Vacuum polarization in a nonsimply connected spacetime

Abstract

The vacuum polarization tensor of spinor electrodynamics is calculated to order $e^2$ in a nonsimply connected spacetime with the topology of $S^1\times R^3$, flat spacetime with periodicity in one spatial dimension. In contrast to the situation in a simply connected spacetime, there are two distinct types of spinors in this spacetime, the untwisted spinors and the twisted spinors. The vacuum polarization due to each type of spinor is calculated; it is found that the two types of spinors give rise to different vacuum polarization effects and hence must be regarded as physically inequivalent. The effect of the vacuum polarization upon photon propagation is considered, and it is shown that untwisted spinors give rise to noncausal effects whereas twisted spinors do not. The vacuum energy for a free spinor field in $S^1\times R^3$ is also calculated, and it is found that the twisted configuration gives rise to a vacuum state of lower energy than does the untwisted configuration.
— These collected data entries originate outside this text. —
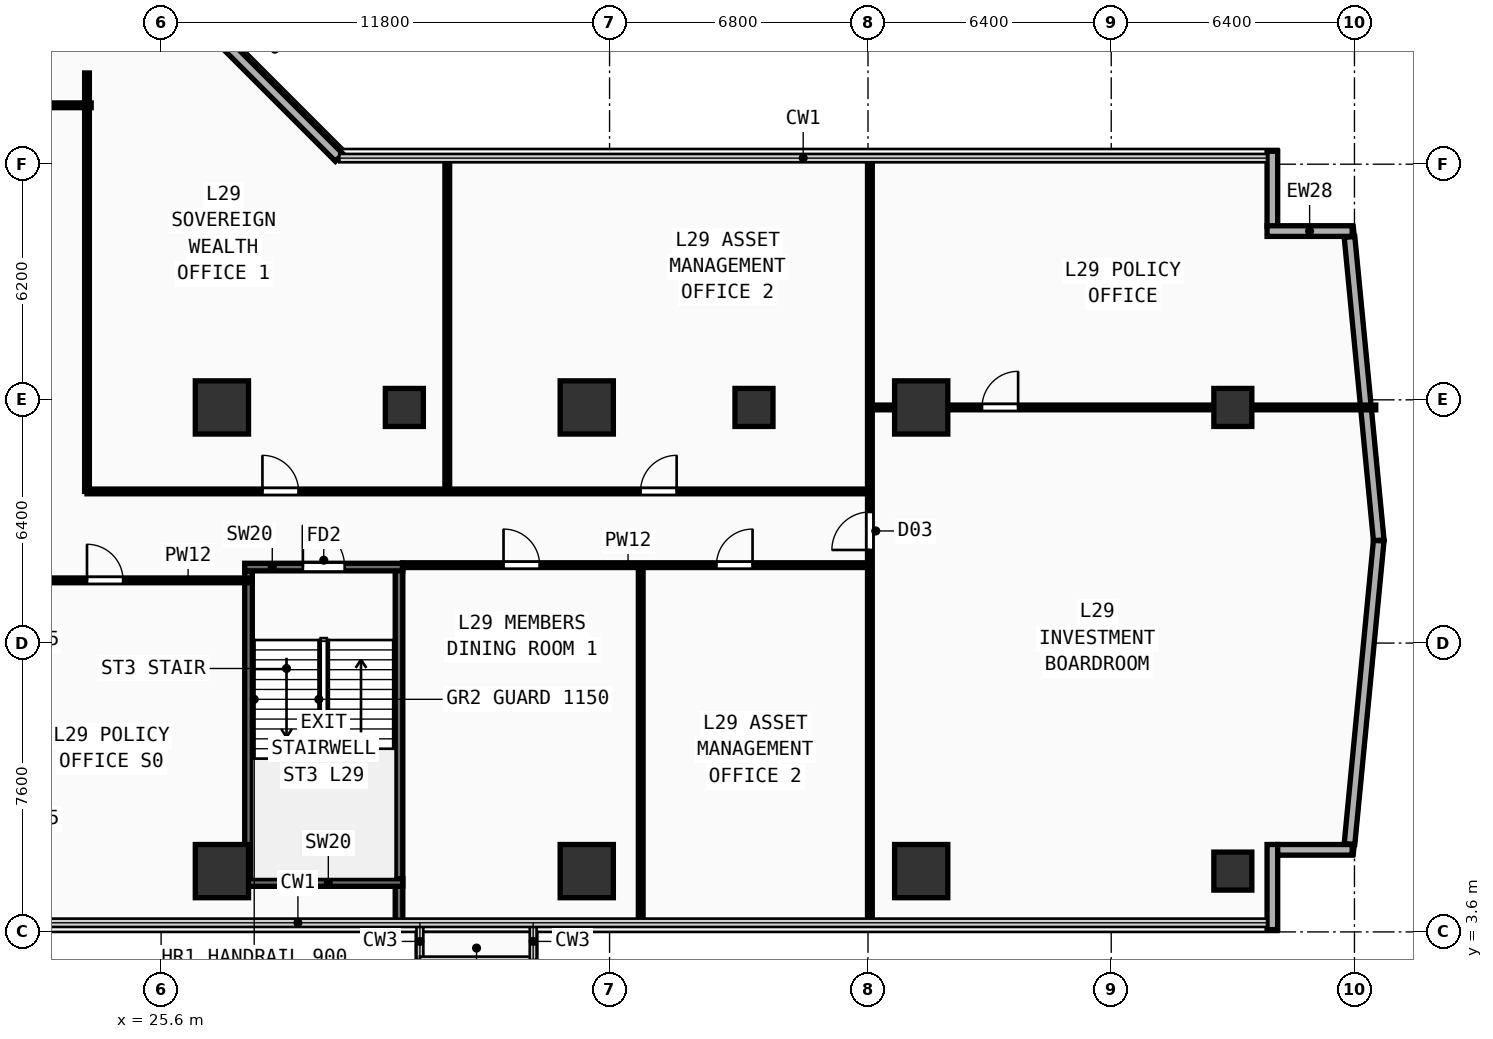
"""IFC4 building model, lengths in metres.
Left out: names, types, materials, properties, quantities, classifications, styles, units other than length and angle.
Written with IfcOpenShell. Run it as: python <this file> out.ifc"""

import sys

from ifc_helpers import new_model, si_unit, direction, frame, frame_2d, origin, origin_2d, place, context, subcontext, project, spatial, rectangle, extrude, element, fill, save


model = new_model("IFC4")
c1 = context("Model", 3, precision=1e-05, world=origin(), true_north=direction((0.0, 1.0)))
c2 = subcontext(c1, "Body", "Model", "MODEL_VIEW")
j1 = project(units=[si_unit("LENGTHUNIT", "METRE"), si_unit("PLANEANGLEUNIT", "RADIAN")], contexts=[c1])
p1 = place(None, origin())
s1 = spatial("IfcSite", under=j1, at=p1, CompositionType="ELEMENT")
p2 = place(p1, origin())
s2 = spatial("IfcBuilding", under=s1, at=p2, CompositionType="ELEMENT")
p3 = place(p2, frame((0.0, 0.0, 114.5)))
s3 = spatial("IfcBuildingStorey", under=s2, at=p3, CompositionType="ELEMENT", Elevation=114.5)
for number, where, z_axis, x_axis in (
    (1, (27.2, 5.2, 0.0), (0.0, 0.0, 1.0), (1.0, 0.0, 0.0)),
    (2, (36.8, 5.2, 0.0), (0.0, 0.0, 1.0), (1.0, 0.0, 0.0)),
    (3, (45.6, 5.2, 0.0), (0.0, 0.0, 1.0), (1.0, 0.0, 0.0)),
    (4, (27.2, 17.4, 0.0), (0.0, 0.0, 1.0), (1.0, 0.0, 0.0)),
    (5, (36.8, 17.4, 0.0), (0.0, 0.0, 1.0), (1.0, 0.0, 0.0)),
    (6, (45.6, 17.4, 0.0), (0.0, 0.0, 1.0), (1.0, 0.0, 0.0)),
):
    element("IfcColumn", number, at=place(p3, frame(where, z_axis=z_axis, x_axis=x_axis)), inside=s3, PredefinedType="COLUMN", context=c2, shape_type="SweptSolid", body=[
        extrude(rectangle(XDim=1.4, YDim=1.4, at=origin_2d()), origin(), (0.0, 0.0, 1.0), 3.54),
    ])
for number, where, z_axis, x_axis in (
    (7, (53.8, 5.2, 0.0), (0.0, 0.0, 1.0), (1.0, 0.0, 0.0)),
    (8, (53.8, 17.4, 0.0), (0.0, 0.0, 1.0), (1.0, 0.0, 0.0)),
    (9, (32.0, 17.4, 0.0), (0.0, 0.0, 1.0), (1.0, 0.0, 0.0)),
    (10, (41.2, 17.4, 0.0), (0.0, 0.0, 1.0), (1.0, 0.0, 0.0)),
):
    element("IfcColumn", number, at=place(p3, frame(where, z_axis=z_axis, x_axis=x_axis)), inside=s3, PredefinedType="COLUMN", context=c2, shape_type="SweptSolid", body=[
        extrude(rectangle(XDim=1.0, YDim=1.0, at=origin_2d()), origin(), (0.0, 0.0, 1.0), 3.54),
    ])
p4 = place(p3, frame((54.84, 3.66, 0.0), z_axis=(0.0, 0.0, 1.0), x_axis=(0.0, 1.0, 0.0)))
e11 = element("IfcWall", 11, at=p4, inside=s3, PredefinedType="SOLIDWALL", context=c2, shape_type="SweptSolid", body=[
    extrude(rectangle(XDim=2.24, YDim=0.28, at=frame_2d((1.12, 0.0))), origin(), (0.0, 0.0, 1.0), 3.54),
])
p5 = place(p3, frame((54.98, 5.76, 0.0), z_axis=(0.0, 0.0, 1.0), x_axis=(1.0, 0.0, 0.0)))
e12 = element("IfcWall", 12, at=p5, inside=s3, PredefinedType="SOLIDWALL", context=c2, shape_type="SweptSolid", body=[
    extrude(rectangle(XDim=1.96, YDim=0.28, at=frame_2d((0.98, 0.0))), origin(), (0.0, 0.0, 1.0), 3.54),
])
p6 = place(p3, frame((54.84, 22.165, 0.0), z_axis=(0.0, 0.0, 1.0), x_axis=(0.0, 1.0, 0.0)))
e13 = element("IfcWall", 13, at=p6, inside=s3, PredefinedType="SOLIDWALL", context=c2, shape_type="SweptSolid", body=[
    extrude(rectangle(XDim=1.975, YDim=0.28, at=frame_2d((0.987, 0.0))), origin(), (0.0, 0.0, 1.0), 3.54),
])
p7 = place(p3, frame((54.7, 22.04, 0.0), z_axis=(0.0, 0.0, 1.0), x_axis=(1.0, 0.0, 0.0)))
e14 = element("IfcWall", 14, at=p7, inside=s3, PredefinedType="SOLIDWALL", context=c2, shape_type="SweptSolid", body=[
    extrude(rectangle(XDim=2.24, YDim=0.28, at=frame_2d((1.12, 0.0))), origin(), (0.0, 0.0, 1.0), 3.54),
])
p8 = place(p3, frame((30.285, 23.975, 0.0), z_axis=(0.0, 0.0, 1.0), x_axis=(-0.707106781187, 0.707106781187, 0.0)))
e15 = element("IfcWall", 15, at=p8, inside=s3, PredefinedType="SOLIDWALL", context=c2, shape_type="SweptSolid", body=[
    extrude(rectangle(XDim=9.207, YDim=0.28, at=frame_2d((4.603, 0.0))), origin(), (0.0, 0.0, 1.0), 3.54),
])
for number, where, z_axis, x_axis in (
    (16, (56.869, 5.914, 0.0), (0.0, 0.0, 1.0), (0.096, 0.995, 0.0)),
    (17, (57.639, 13.905, 0.0), (0.0, 0.0, 1.0), (-0.096, 0.995, 0.0)),
):
    element("IfcWall", number, at=place(p3, frame(where, z_axis=z_axis, x_axis=x_axis)), inside=s3, PredefinedType="SOLIDWALL", context=c2, shape_type="SweptSolid", body=[
        extrude(rectangle(XDim=8.019, YDim=0.28, at=frame_2d((4.009, 0.0))), origin(), (0.0, 0.0, 1.0), 3.54),
    ])
p9 = place(p3, frame((27.9, 5.0, 0.0), z_axis=(0.0, 0.0, 1.0), x_axis=(0.0, 1.0, 0.0)))
e18 = element("IfcWall", 18, at=p9, inside=s3, PredefinedType="SHEAR", context=c2, shape_type="SweptSolid", body=[
    extrude(rectangle(XDim=8.1, YDim=0.2, at=frame_2d((4.05, 0.0))), origin(), (0.0, 0.0, 1.0), 3.54),
])
p10 = place(p3, frame((31.86, 3.84, 0.0), z_axis=(0.0, 0.0, 1.0), x_axis=(0.0, 1.0, 0.0)))
e19 = element("IfcWall", 19, at=p10, inside=s3, PredefinedType="SHEAR", context=c2, shape_type="SweptSolid", body=[
    extrude(rectangle(XDim=9.41, YDim=0.2, at=frame_2d((4.705, 0.0))), origin(), (0.0, 0.0, 1.0), 3.54),
])
p11 = place(p3, frame((27.8, 4.9, 0.0), z_axis=(0.0, 0.0, 1.0), x_axis=(1.0, 0.0, 0.0)))
e20 = element("IfcWall", 20, at=p11, inside=s3, PredefinedType="SHEAR", context=c2, shape_type="SweptSolid", body=[
    extrude(rectangle(XDim=4.16, YDim=0.2, at=frame_2d((2.08, 0.0))), origin(), (0.0, 0.0, 1.0), 3.54),
])
p12 = place(p3, frame((27.8, 13.2, 0.0), z_axis=(0.0, 0.0, 1.0), x_axis=(1.0, 0.0, 0.0)))
e21 = element("IfcWall", 21, at=p12, inside=s3, PredefinedType="SHEAR", context=c2, shape_type="SweptSolid", body=[
    extrude(rectangle(XDim=4.16, YDim=0.2, at=frame_2d((2.08, 0.0))), origin(), (0.0, 0.0, 1.0), 3.54),
])
p13 = place(p12, frame((1.53, 0.0, 0.0)))
e22 = element("IfcOpeningElement", 22, at=p13, cuts=e21, PredefinedType="OPENING", context=c2, shape_type="SweptSolid", body=[
    extrude(rectangle(XDim=1.1, YDim=2.2, at=frame_2d((0.55, 1.1))), frame((0.0, 0.11, 0.0), z_axis=(0.0, -1.0, 0.0), x_axis=(1.0, 0.0, 0.0)), (0.0, 0.0, 1.0), 0.22),
])
p14 = place(p3, frame((20.85, 12.85, 0.0), z_axis=(0.0, 0.0, 1.0), x_axis=(1.0, 0.0, 0.0)))
e23 = element("IfcWall", 23, at=p14, inside=s3, PredefinedType="PARTITIONING", context=c2, shape_type="SweptSolid", body=[
    extrude(rectangle(XDim=7.05, YDim=0.125, at=frame_2d((3.525, 0.0))), origin(), (0.0, 0.0, 1.0), 3.54),
])
p15 = place(p14, frame((2.8, 0.0, 0.0)))
e24 = element("IfcOpeningElement", 24, at=p15, cuts=e23, PredefinedType="OPENING", context=c2, shape_type="SweptSolid", body=[
    extrude(rectangle(XDim=0.95, YDim=2.15, at=frame_2d((0.475, 1.075))), frame((0.0, 0.073, 0.0), z_axis=(0.0, -1.0, 0.0), x_axis=(1.0, 0.0, 0.0)), (0.0, 0.0, 1.0), 0.145),
])
p16 = place(p3, frame((22.65, 25.35, 0.0), z_axis=(0.0, 0.0, 1.0), x_axis=(1.0, 0.0, 0.0)))
e25 = element("IfcWall", 25, at=p16, inside=s3, PredefinedType="PARTITIONING", context=c2, shape_type="SweptSolid", body=[
    extrude(rectangle(XDim=1.11, YDim=0.125, at=frame_2d((0.555, 0.0))), origin(), (0.0, 0.0, 1.0), 3.54),
])
p17 = place(p3, frame((31.95, 13.25, 0.0), z_axis=(0.0, 0.0, 1.0), x_axis=(1.0, 0.0, 0.0)))
e26 = element("IfcWall", 26, at=p17, inside=s3, PredefinedType="PARTITIONING", context=c2, shape_type="SweptSolid", body=[
    extrude(rectangle(XDim=12.3, YDim=0.125, at=frame_2d((6.15, 0.0))), origin(), (0.0, 0.0, 1.0), 3.09),
])
p18 = place(p17, frame((2.66, 0.0, 0.0)))
e27 = element("IfcOpeningElement", 27, at=p18, cuts=e26, PredefinedType="OPENING", context=c2, shape_type="SweptSolid", body=[
    extrude(rectangle(XDim=0.95, YDim=2.15, at=frame_2d((0.475, 1.075))), frame((0.0, 0.073, 0.0), z_axis=(0.0, -1.0, 0.0), x_axis=(1.0, 0.0, 0.0)), (0.0, 0.0, 1.0), 0.145),
])
p19 = place(p17, frame((8.263, 0.0, 0.0)))
e28 = element("IfcOpeningElement", 28, at=p19, cuts=e26, PredefinedType="OPENING", context=c2, shape_type="SweptSolid", body=[
    extrude(rectangle(XDim=0.95, YDim=2.15, at=frame_2d((0.475, 1.075))), frame((0.0, 0.073, 0.0), z_axis=(0.0, -1.0, 0.0), x_axis=(1.0, 0.0, 0.0)), (0.0, 0.0, 1.0), 0.145),
])
p20 = place(p3, frame((38.22, 3.84, 0.0), z_axis=(0.0, 0.0, 1.0), x_axis=(0.0, 1.0, 0.0)))
e29 = element("IfcWall", 29, at=p20, inside=s3, PredefinedType="PARTITIONING", context=c2, shape_type="SweptSolid", body=[
    extrude(rectangle(XDim=9.41, YDim=0.125, at=frame_2d((4.705, 0.0))), origin(), (0.0, 0.0, 1.0), 3.54),
])
p21 = place(p3, frame((44.25, 3.84, 0.0), z_axis=(0.0, 0.0, 1.0), x_axis=(0.0, 1.0, 0.0)))
e30 = element("IfcWall", 30, at=p21, inside=s3, PredefinedType="PARTITIONING", context=c2, shape_type="SweptSolid", body=[
    extrude(rectangle(XDim=20.12, YDim=0.125, at=frame_2d((10.06, 0.0))), origin(), (0.0, 0.0, 1.0), 3.54),
])
p22 = place(p21, frame((9.81, 0.0, 0.0)))
e31 = element("IfcOpeningElement", 31, at=p22, cuts=e30, PredefinedType="OPENING", context=c2, shape_type="SweptSolid", body=[
    extrude(rectangle(XDim=1.0, YDim=2.2, at=frame_2d((0.5, 1.1))), frame((0.0, 0.073, 0.0), z_axis=(0.0, -1.0, 0.0), x_axis=(1.0, 0.0, 0.0)), (0.0, 0.0, 1.0), 0.145),
])
p23 = place(p3, frame((44.25, 17.4, 0.0), z_axis=(0.0, 0.0, 1.0), x_axis=(1.0, 0.0, 0.0)))
e32 = element("IfcWall", 32, at=p23, inside=s3, PredefinedType="PARTITIONING", context=c2, shape_type="SweptSolid", body=[
    extrude(rectangle(XDim=13.31, YDim=0.125, at=frame_2d((6.655, 0.0))), origin(), (0.0, 0.0, 1.0), 3.24),
])
p24 = place(p23, frame((2.95, 0.0, 0.0)))
e33 = element("IfcOpeningElement", 33, at=p24, cuts=e32, PredefinedType="OPENING", context=c2, shape_type="SweptSolid", body=[
    extrude(rectangle(XDim=0.95, YDim=2.15, at=frame_2d((0.475, 1.075))), frame((0.0, 0.073, 0.0), z_axis=(0.0, -1.0, 0.0), x_axis=(1.0, 0.0, 0.0)), (0.0, 0.0, 1.0), 0.145),
])
p25 = place(p3, frame((23.65, 15.19, 0.0), z_axis=(0.0, 0.0, 1.0), x_axis=(0.0, 1.0, 0.0)))
e34 = element("IfcWall", 34, at=p25, inside=s3, PredefinedType="PARTITIONING", context=c2, shape_type="SweptSolid", body=[
    extrude(rectangle(XDim=11.01, YDim=0.125, at=frame_2d((5.505, 0.0))), origin(), (0.0, 0.0, 1.0), 3.54),
])
p26 = place(p3, frame((23.65, 15.19, 0.0), z_axis=(0.0, 0.0, 1.0), x_axis=(1.0, 0.0, 0.0)))
e35 = element("IfcWall", 35, at=p26, inside=s3, PredefinedType="PARTITIONING", context=c2, shape_type="SweptSolid", body=[
    extrude(rectangle(XDim=20.6, YDim=0.125, at=frame_2d((10.3, 0.0))), origin(), (0.0, 0.0, 1.0), 3.54),
])
p27 = place(p26, frame((4.616, 0.0, 0.0)))
e36 = element("IfcOpeningElement", 36, at=p27, cuts=e35, PredefinedType="OPENING", context=c2, shape_type="SweptSolid", body=[
    extrude(rectangle(XDim=0.95, YDim=2.15, at=frame_2d((0.475, 1.075))), frame((0.0, 0.073, 0.0), z_axis=(0.0, -1.0, 0.0), x_axis=(1.0, 0.0, 0.0)), (0.0, 0.0, 1.0), 0.145),
])
p28 = place(p26, frame((14.565, 0.0, 0.0)))
e37 = element("IfcOpeningElement", 37, at=p28, cuts=e35, PredefinedType="OPENING", context=c2, shape_type="SweptSolid", body=[
    extrude(rectangle(XDim=0.95, YDim=2.15, at=frame_2d((0.475, 1.075))), frame((0.0, 0.073, 0.0), z_axis=(0.0, -1.0, 0.0), x_axis=(1.0, 0.0, 0.0)), (0.0, 0.0, 1.0), 0.145),
])
p29 = place(p3, frame((33.13, 15.19, 0.0), z_axis=(0.0, 0.0, 1.0), x_axis=(0.0, 1.0, 0.0)))
e38 = element("IfcWall", 38, at=p29, inside=s3, PredefinedType="PARTITIONING", context=c2, shape_type="SweptSolid", body=[
    extrude(rectangle(XDim=8.77, YDim=0.125, at=frame_2d((4.385, 0.0))), origin(), (0.0, 0.0, 1.0), 3.54),
])
p30 = place(p13, frame((1.1, 0.0, 0.0), z_axis=(0.0, 0.0, 1.0), x_axis=(-1.0, 0.0, 0.0)))
e39 = element("IfcDoor", 39, at=p30, inside=s3, OperationType="SINGLE_SWING_RIGHT", PredefinedType="DOOR", context=c2, shape_type="SweptSolid", body=[
    extrude(rectangle(XDim=1.1, YDim=2.2, at=frame_2d((0.55, 1.1))), frame((0.0, 0.025, 0.0), z_axis=(0.0, -1.0, 0.0), x_axis=(1.0, 0.0, 0.0)), (0.0, 0.0, 1.0), 0.05),
])
fill(e22, e39)
p31 = place(p15, origin())
e40 = element("IfcDoor", 40, at=p31, inside=s3, OperationType="SINGLE_SWING_LEFT", PredefinedType="DOOR", context=c2, shape_type="SweptSolid", body=[
    extrude(rectangle(XDim=0.95, YDim=2.15, at=frame_2d((0.475, 1.075))), frame((0.0, 0.025, 0.0), z_axis=(0.0, -1.0, 0.0), x_axis=(1.0, 0.0, 0.0)), (0.0, 0.0, 1.0), 0.05),
])
fill(e24, e40)
p32 = place(p18, origin())
e41 = element("IfcDoor", 41, at=p32, inside=s3, OperationType="SINGLE_SWING_LEFT", PredefinedType="DOOR", context=c2, shape_type="SweptSolid", body=[
    extrude(rectangle(XDim=0.95, YDim=2.15, at=frame_2d((0.475, 1.075))), frame((0.0, 0.025, 0.0), z_axis=(0.0, -1.0, 0.0), x_axis=(1.0, 0.0, 0.0)), (0.0, 0.0, 1.0), 0.05),
])
fill(e27, e41)
p33 = place(p19, origin())
e42 = element("IfcDoor", 42, at=p33, inside=s3, OperationType="SINGLE_SWING_RIGHT", PredefinedType="DOOR", context=c2, shape_type="SweptSolid", body=[
    extrude(rectangle(XDim=0.95, YDim=2.15, at=frame_2d((0.475, 1.075))), frame((0.0, 0.025, 0.0), z_axis=(0.0, -1.0, 0.0), x_axis=(1.0, 0.0, 0.0)), (0.0, 0.0, 1.0), 0.05),
])
fill(e28, e42)
p34 = place(p22, origin())
e43 = element("IfcDoor", 43, at=p34, inside=s3, OperationType="SINGLE_SWING_LEFT", PredefinedType="DOOR", context=c2, shape_type="SweptSolid", body=[
    extrude(rectangle(XDim=1.0, YDim=2.2, at=frame_2d((0.5, 1.1))), frame((0.0, 0.025, 0.0), z_axis=(0.0, -1.0, 0.0), x_axis=(1.0, 0.0, 0.0)), (0.0, 0.0, 1.0), 0.05),
])
fill(e31, e43)
p35 = place(p24, origin())
e44 = element("IfcDoor", 44, at=p35, inside=s3, OperationType="SINGLE_SWING_RIGHT", PredefinedType="DOOR", context=c2, shape_type="SweptSolid", body=[
    extrude(rectangle(XDim=0.95, YDim=2.15, at=frame_2d((0.475, 1.075))), frame((0.0, 0.025, 0.0), z_axis=(0.0, -1.0, 0.0), x_axis=(1.0, 0.0, 0.0)), (0.0, 0.0, 1.0), 0.05),
])
fill(e33, e44)
p36 = place(p27, origin())
e45 = element("IfcDoor", 45, at=p36, inside=s3, OperationType="SINGLE_SWING_LEFT", PredefinedType="DOOR", context=c2, shape_type="SweptSolid", body=[
    extrude(rectangle(XDim=0.95, YDim=2.15, at=frame_2d((0.475, 1.075))), frame((0.0, 0.025, 0.0), z_axis=(0.0, -1.0, 0.0), x_axis=(1.0, 0.0, 0.0)), (0.0, 0.0, 1.0), 0.05),
])
fill(e36, e45)
p37 = place(p28, origin())
e46 = element("IfcDoor", 46, at=p37, inside=s3, OperationType="SINGLE_SWING_RIGHT", PredefinedType="DOOR", context=c2, shape_type="SweptSolid", body=[
    extrude(rectangle(XDim=0.95, YDim=2.15, at=frame_2d((0.475, 1.075))), frame((0.0, 0.025, 0.0), z_axis=(0.0, -1.0, 0.0), x_axis=(1.0, 0.0, 0.0)), (0.0, 0.0, 1.0), 0.05),
])
fill(e37, e46)
save(model, sys.argv[1])

Various methods of incorporating twisted and untwisted spinors into the same theory, either as distinct fields or as different sectors of the same field theory, are discussed. No tractable method of incorporating both types of spinors is found which avoids the difficulty of noncausal photon propagation. It is therefore proposed that only the twisted spinors should be regarded as having physical significance.